Kontinuität an der Führungsspitze der Universität Magdeburg

17.06.2016 -  

Am 15. Juni 2016 hat der erweiterte Senat der Otto-von-Guericke-Universität Magdeburg den bisherigen Rektor, Prof. Dr.-Ing. Jens Strackeljan, mit überwältigender Mehrheit im ersten Wahlgang im Amt bestätigt. Die zweite vierjährige Amtszeit des Professors für Technische Mechanik beginnt am 1. Oktober 2016.

Der Senat ist das höchste Gremium der Otto-von-Guericke-Universität Magdeburg. In ihm sind alle Statusgruppen vertreten: Hochschullehrerinnen und Hochschullehrer, Wissenschaftliche Mitarbeiterinnen und Mitarbeiter, Mitarbeitende der Bereiche Technik und Verwaltung und Studierende.

Prof. Jens Strackeljan nahm die Wahl an und dankte für das entgegengebrachte Vertrauen. „Die letzten vier Jahre waren für die Otto-von-Guericke-Universität Magdeburg keine einfachen. Es standen Strukturentscheidungen an, die sicher nicht von jedem Universitätsangehörigen geteilt, aber letztendlich doch von allen getragen wurden“, so Prof. Strackeljan.

In Strackeljans erste Amtszeit fielen die in ihrem Ausmaß bisher einzigartigen Kürzungspläne der Landesregierung für die Hochschulen Sachsen-Anhalts.

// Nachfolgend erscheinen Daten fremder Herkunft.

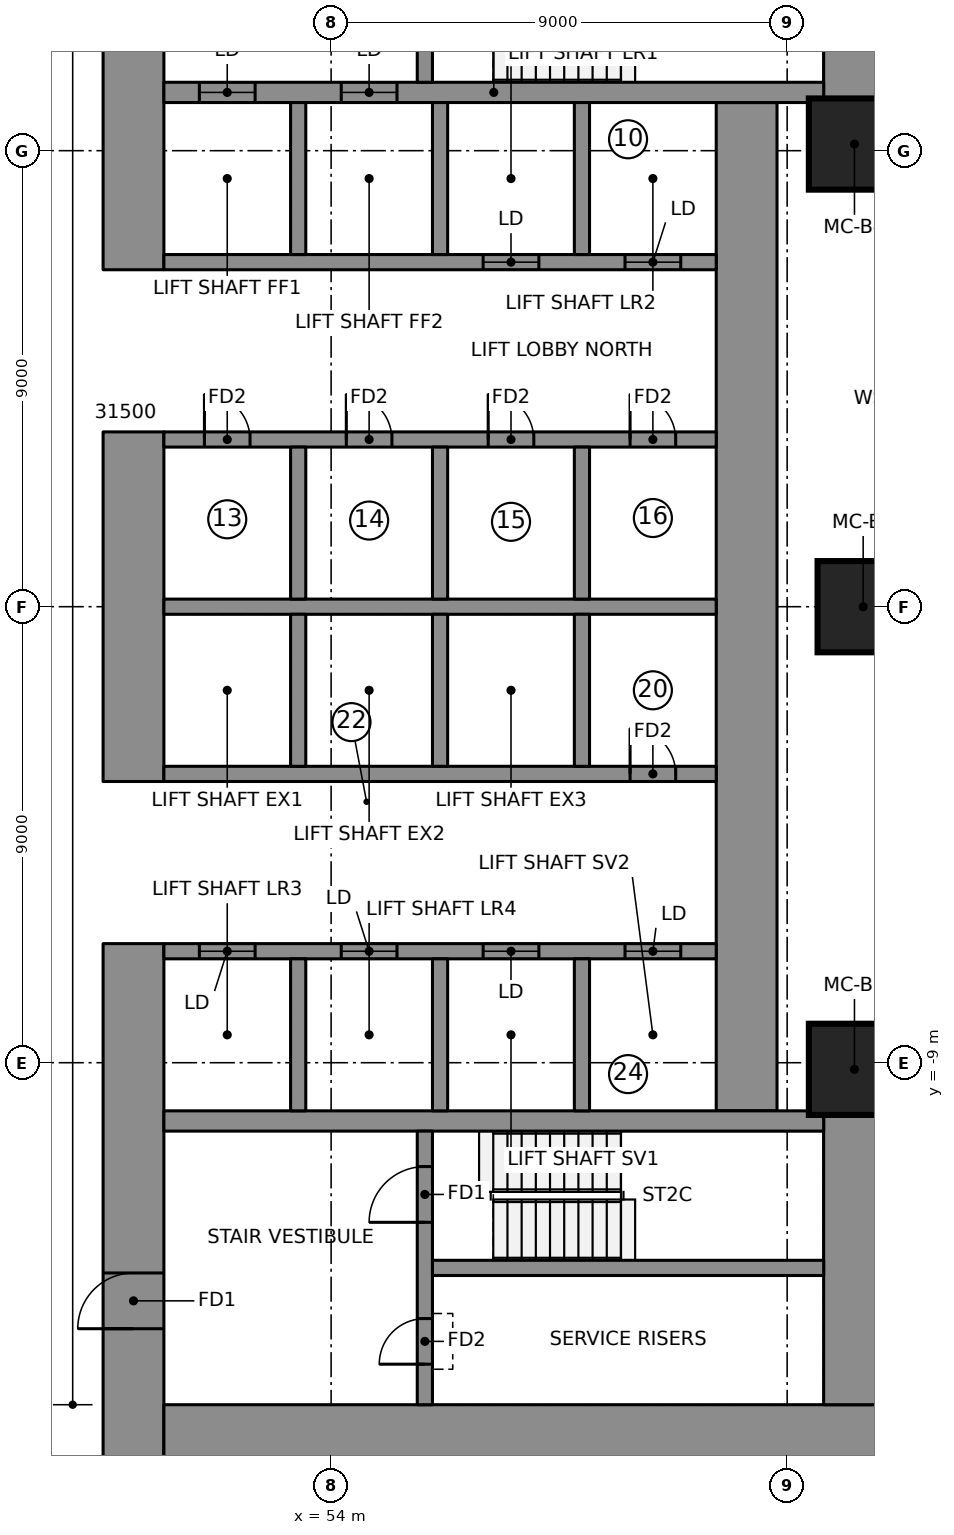
"""IFC4 building model, lengths in metres.
Left out: names, types, materials, properties, quantities, classifications, styles, units other than length and angle.
Written with IfcOpenShell. Run it as: python <this file> out.ifc"""

import sys

from ifc_helpers import new_model, si_unit, direction, frame, frame_2d, origin, origin_2d, place, context, subcontext, project, spatial, rectangle, extrude, element, fill, save


model = new_model("IFC4")
c1 = context("Model", 3, precision=1e-05, world=origin(), true_north=direction((0.0, 1.0)))
c2 = subcontext(c1, "Body", "Model", "MODEL_VIEW")
j1 = project(units=[si_unit("LENGTHUNIT", "METRE"), si_unit("PLANEANGLEUNIT", "RADIAN")], contexts=[c1])
p1 = place(None, origin())
s1 = spatial("IfcSite", under=j1, at=p1, CompositionType="ELEMENT")
p2 = place(p1, origin())
s2 = spatial("IfcBuilding", under=s1, at=p2, CompositionType="ELEMENT")
p3 = place(p2, frame((0.0, 0.0, 39.6)))
s3 = spatial("IfcBuildingStorey", under=s2, at=p3, CompositionType="ELEMENT", Elevation=39.6)
p4 = place(p3, frame((50.1, 6.65, 0.0), z_axis=(0.0, 0.0, 1.0), x_axis=(0.0, 1.0, 0.0)))
e1 = element("IfcWall", 1, at=p4, inside=s3, PredefinedType="SHEAR", context=c2, shape_type="SweptSolid", body=[
    extrude(rectangle(XDim=10.3, YDim=1.2, at=frame_2d((5.15, 0.0))), origin(), (0.0, 0.0, 1.0), 3.55),
])
p5 = place(p4, frame((6.5, 0.0, 0.0)))
e2 = element("IfcOpeningElement", 2, at=p5, cuts=e1, PredefinedType="OPENING", context=c2, shape_type="SweptSolid", body=[
    extrude(rectangle(XDim=1.1, YDim=2.1, at=frame_2d((0.55, 1.05))), frame((0.0, 0.61, 0.0), z_axis=(0.0, -1.0, 0.0), x_axis=(1.0, 0.0, 0.0)), (0.0, 0.0, 1.0), 1.22),
])
p6 = place(p3, frame((50.1, -3.45, 0.0), z_axis=(0.0, 0.0, 1.0), x_axis=(0.0, 1.0, 0.0)))
e3 = element("IfcWall", 3, at=p6, inside=s3, PredefinedType="SHEAR", context=c2, shape_type="SweptSolid", body=[
    extrude(rectangle(XDim=6.9, YDim=1.2, at=frame_2d((3.45, 0.0))), origin(), (0.0, 0.0, 1.0), 3.55),
])
p7 = place(p3, frame((50.1, -16.95, 0.0), z_axis=(0.0, 0.0, 1.0), x_axis=(0.0, 1.0, 0.0)))
e4 = element("IfcWall", 4, at=p7, inside=s3, PredefinedType="SHEAR", context=c2, shape_type="SweptSolid", body=[
    extrude(rectangle(XDim=10.3, YDim=1.2, at=frame_2d((5.15, 0.0))), origin(), (0.0, 0.0, 1.0), 3.55),
])
p8 = place(p7, frame((2.7, 0.0, 0.0)))
e5 = element("IfcOpeningElement", 5, at=p8, cuts=e4, PredefinedType="OPENING", context=c2, shape_type="SweptSolid", body=[
    extrude(rectangle(XDim=1.1, YDim=2.1, at=frame_2d((0.55, 1.05))), frame((0.0, 0.61, 0.0), z_axis=(0.0, -1.0, 0.0), x_axis=(1.0, 0.0, 0.0)), (0.0, 0.0, 1.0), 1.22),
])
p9 = place(p3, frame((50.7, -16.35, 0.0), z_axis=(0.0, 0.0, 1.0), x_axis=(1.0, 0.0, 0.0)))
e6 = element("IfcWall", 6, at=p9, inside=s3, PredefinedType="SHEAR", context=c2, shape_type="SweptSolid", body=[
    extrude(rectangle(XDim=14.22, YDim=1.2, at=frame_2d((7.11, 0.0))), origin(), (0.0, 0.0, 1.0), 3.55),
])
for number, where, z_axis, x_axis in (
    (7, (64.32, 9.95, 0.0), (0.0, 0.0, 1.0), (0.0, 1.0, 0.0)),
    (8, (64.32, -15.75, 0.0), (0.0, 0.0, 1.0), (0.0, 1.0, 0.0)),
):
    element("IfcWall", number, at=place(p3, frame(where, z_axis=z_axis, x_axis=x_axis)), inside=s3, PredefinedType="SHEAR", context=c2, shape_type="SweptSolid", body=[
        extrude(rectangle(XDim=5.8, YDim=1.2, at=frame_2d((2.9, 0.0))), origin(), (0.0, 0.0, 1.0), 3.55),
    ])
p10 = place(p3, frame((62.2, -9.95, 0.0), z_axis=(0.0, 0.0, 1.0), x_axis=(0.0, 1.0, 0.0)))
e9 = element("IfcWall", 9, at=p10, inside=s3, PredefinedType="SHEAR", context=c2, shape_type="SweptSolid", body=[
    extrude(rectangle(XDim=19.9, YDim=1.2, at=frame_2d((9.95, 0.0))), origin(), (0.0, 0.0, 1.0), 3.55),
])
p11 = place(p3, frame((50.7, 10.15, 0.0), z_axis=(0.0, 0.0, 1.0), x_axis=(1.0, 0.0, 0.0)))
e10 = element("IfcWall", 10, at=p11, inside=s3, PredefinedType="SHEAR", context=c2, shape_type="SweptSolid", body=[
    extrude(rectangle(XDim=13.02, YDim=0.4, at=frame_2d((6.51, 0.0))), origin(), (0.0, 0.0, 1.0), 3.55),
])
p12 = place(p11, frame((0.7, 0.0, 0.0)))
e11 = element("IfcOpeningElement", 11, at=p12, cuts=e10, PredefinedType="OPENING", context=c2, shape_type="SweptSolid", body=[
    extrude(rectangle(XDim=1.1, YDim=2.1, at=frame_2d((0.55, 1.05))), frame((0.0, 0.21, 0.0), z_axis=(0.0, -1.0, 0.0), x_axis=(1.0, 0.0, 0.0)), (0.0, 0.0, 1.0), 0.42),
])
p13 = place(p11, frame((3.5, 0.0, 0.0)))
e12 = element("IfcOpeningElement", 12, at=p13, cuts=e10, PredefinedType="OPENING", context=c2, shape_type="SweptSolid", body=[
    extrude(rectangle(XDim=1.1, YDim=2.1, at=frame_2d((0.55, 1.05))), frame((0.0, 0.21, 0.0), z_axis=(0.0, -1.0, 0.0), x_axis=(1.0, 0.0, 0.0)), (0.0, 0.0, 1.0), 0.42),
])
p14 = place(p3, frame((50.7, -10.15, 0.0), z_axis=(0.0, 0.0, 1.0), x_axis=(1.0, 0.0, 0.0)))
e13 = element("IfcWall", 13, at=p14, inside=s3, PredefinedType="SHEAR", context=c2, shape_type="SweptSolid", body=[
    extrude(rectangle(XDim=13.02, YDim=0.4, at=frame_2d((6.51, 0.0))), origin(), (0.0, 0.0, 1.0), 3.55),
])
p15 = place(p3, frame((50.7, 0.0, 0.0), z_axis=(0.0, 0.0, 1.0), x_axis=(1.0, 0.0, 0.0)))
e14 = element("IfcWall", 14, at=p15, inside=s3, PredefinedType="SHEAR", context=c2, shape_type="SweptSolid", body=[
    extrude(rectangle(XDim=10.9, YDim=0.3, at=frame_2d((5.45, 0.0))), origin(), (0.0, 0.0, 1.0), 3.55),
])
p16 = place(p3, frame((50.7, 3.3, 0.0), z_axis=(0.0, 0.0, 1.0), x_axis=(1.0, 0.0, 0.0)))
e15 = element("IfcWall", 15, at=p16, inside=s3, PredefinedType="SHEAR", context=c2, shape_type="SweptSolid", body=[
    extrude(rectangle(XDim=10.9, YDim=0.3, at=frame_2d((5.45, 0.0))), origin(), (0.0, 0.0, 1.0), 3.55),
])
p17 = place(p16, frame((0.8, 0.0, 0.0)))
e16 = element("IfcOpeningElement", 16, at=p17, cuts=e15, PredefinedType="OPENING", context=c2, shape_type="SweptSolid", body=[
    extrude(rectangle(XDim=0.9, YDim=2.1, at=frame_2d((0.45, 1.05))), frame((0.0, 0.16, 0.0), z_axis=(0.0, -1.0, 0.0), x_axis=(1.0, 0.0, 0.0)), (0.0, 0.0, 1.0), 0.32),
])
p18 = place(p16, frame((3.6, 0.0, 0.0)))
e17 = element("IfcOpeningElement", 17, at=p18, cuts=e15, PredefinedType="OPENING", context=c2, shape_type="SweptSolid", body=[
    extrude(rectangle(XDim=0.9, YDim=2.1, at=frame_2d((0.45, 1.05))), frame((0.0, 0.16, 0.0), z_axis=(0.0, -1.0, 0.0), x_axis=(1.0, 0.0, 0.0)), (0.0, 0.0, 1.0), 0.32),
])
p19 = place(p16, frame((6.4, 0.0, 0.0)))
e18 = element("IfcOpeningElement", 18, at=p19, cuts=e15, PredefinedType="OPENING", context=c2, shape_type="SweptSolid", body=[
    extrude(rectangle(XDim=0.9, YDim=2.1, at=frame_2d((0.45, 1.05))), frame((0.0, 0.16, 0.0), z_axis=(0.0, -1.0, 0.0), x_axis=(1.0, 0.0, 0.0)), (0.0, 0.0, 1.0), 0.32),
])
p20 = place(p16, frame((9.2, 0.0, 0.0)))
e19 = element("IfcOpeningElement", 19, at=p20, cuts=e15, PredefinedType="OPENING", context=c2, shape_type="SweptSolid", body=[
    extrude(rectangle(XDim=0.9, YDim=2.1, at=frame_2d((0.45, 1.05))), frame((0.0, 0.16, 0.0), z_axis=(0.0, -1.0, 0.0), x_axis=(1.0, 0.0, 0.0)), (0.0, 0.0, 1.0), 0.32),
])
p21 = place(p3, frame((50.7, 6.8, 0.0), z_axis=(0.0, 0.0, 1.0), x_axis=(1.0, 0.0, 0.0)))
e20 = element("IfcWall", 20, at=p21, inside=s3, PredefinedType="SHEAR", context=c2, shape_type="SweptSolid", body=[
    extrude(rectangle(XDim=10.9, YDim=0.3, at=frame_2d((5.45, 0.0))), origin(), (0.0, 0.0, 1.0), 3.55),
])
p22 = place(p21, frame((6.3, 0.0, 0.0)))
e21 = element("IfcOpeningElement", 21, at=p22, cuts=e20, PredefinedType="OPENING", context=c2, shape_type="SweptSolid", body=[
    extrude(rectangle(XDim=1.1, YDim=2.1, at=frame_2d((0.55, 1.05))), frame((0.0, 0.16, 0.0), z_axis=(0.0, -1.0, 0.0), x_axis=(1.0, 0.0, 0.0)), (0.0, 0.0, 1.0), 0.32),
])
p23 = place(p21, frame((9.1, 0.0, 0.0)))
e22 = element("IfcOpeningElement", 22, at=p23, cuts=e20, PredefinedType="OPENING", context=c2, shape_type="SweptSolid", body=[
    extrude(rectangle(XDim=1.1, YDim=2.1, at=frame_2d((0.55, 1.05))), frame((0.0, 0.16, 0.0), z_axis=(0.0, -1.0, 0.0), x_axis=(1.0, 0.0, 0.0)), (0.0, 0.0, 1.0), 0.32),
])
for number, where, z_axis, x_axis in (
    (23, (53.35, 0.15, 0.0), (0.0, 0.0, 1.0), (0.0, 1.0, 0.0)),
    (24, (53.35, 6.95, 0.0), (0.0, 0.0, 1.0), (0.0, 1.0, 0.0)),
    (25, (56.15, 0.15, 0.0), (0.0, 0.0, 1.0), (0.0, 1.0, 0.0)),
    (26, (56.15, 6.95, 0.0), (0.0, 0.0, 1.0), (0.0, 1.0, 0.0)),
    (27, (58.95, 0.15, 0.0), (0.0, 0.0, 1.0), (0.0, 1.0, 0.0)),
    (28, (58.95, 6.95, 0.0), (0.0, 0.0, 1.0), (0.0, 1.0, 0.0)),
):
    element("IfcWall", number, at=place(p3, frame(where, z_axis=z_axis, x_axis=x_axis)), inside=s3, PredefinedType="SHEAR", context=c2, shape_type="SweptSolid", body=[
        extrude(rectangle(XDim=3.0, YDim=0.3, at=frame_2d((1.5, 0.0))), origin(), (0.0, 0.0, 1.0), 3.55),
    ])
p24 = place(p3, frame((50.7, -3.3, 0.0), z_axis=(0.0, 0.0, 1.0), x_axis=(1.0, 0.0, 0.0)))
e29 = element("IfcWall", 29, at=p24, inside=s3, PredefinedType="SHEAR", context=c2, shape_type="SweptSolid", body=[
    extrude(rectangle(XDim=10.9, YDim=0.3, at=frame_2d((5.45, 0.0))), origin(), (0.0, 0.0, 1.0), 3.55),
])
p25 = place(p24, frame((9.2, 0.0, 0.0)))
e30 = element("IfcOpeningElement", 30, at=p25, cuts=e29, PredefinedType="OPENING", context=c2, shape_type="SweptSolid", body=[
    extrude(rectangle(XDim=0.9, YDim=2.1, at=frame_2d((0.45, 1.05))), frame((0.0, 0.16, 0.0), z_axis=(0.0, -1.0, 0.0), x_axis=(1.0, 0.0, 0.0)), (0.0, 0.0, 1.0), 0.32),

In gemeinsamer Anstrengung von Studierenden und Universitätsmitarbeitern konnten die Millionenkürzungen sowie die beabsichtigte Schließung der Fakultät für Humanwissenschaften verhindert werden. Als Rektor zeichnet Jens Strackeljan zudem verantwortlich für die Erarbeitung des Hochschulentwicklungsplanes, in dem die strategischen Ziele der Universität bis 2025 festgelegt sind. Im Januar 2015 unterzeichnete Prof. Strackeljan in seiner Verantwortung als Rektor die Zielvereinbarungen der Universität Magdeburg mit dem Land.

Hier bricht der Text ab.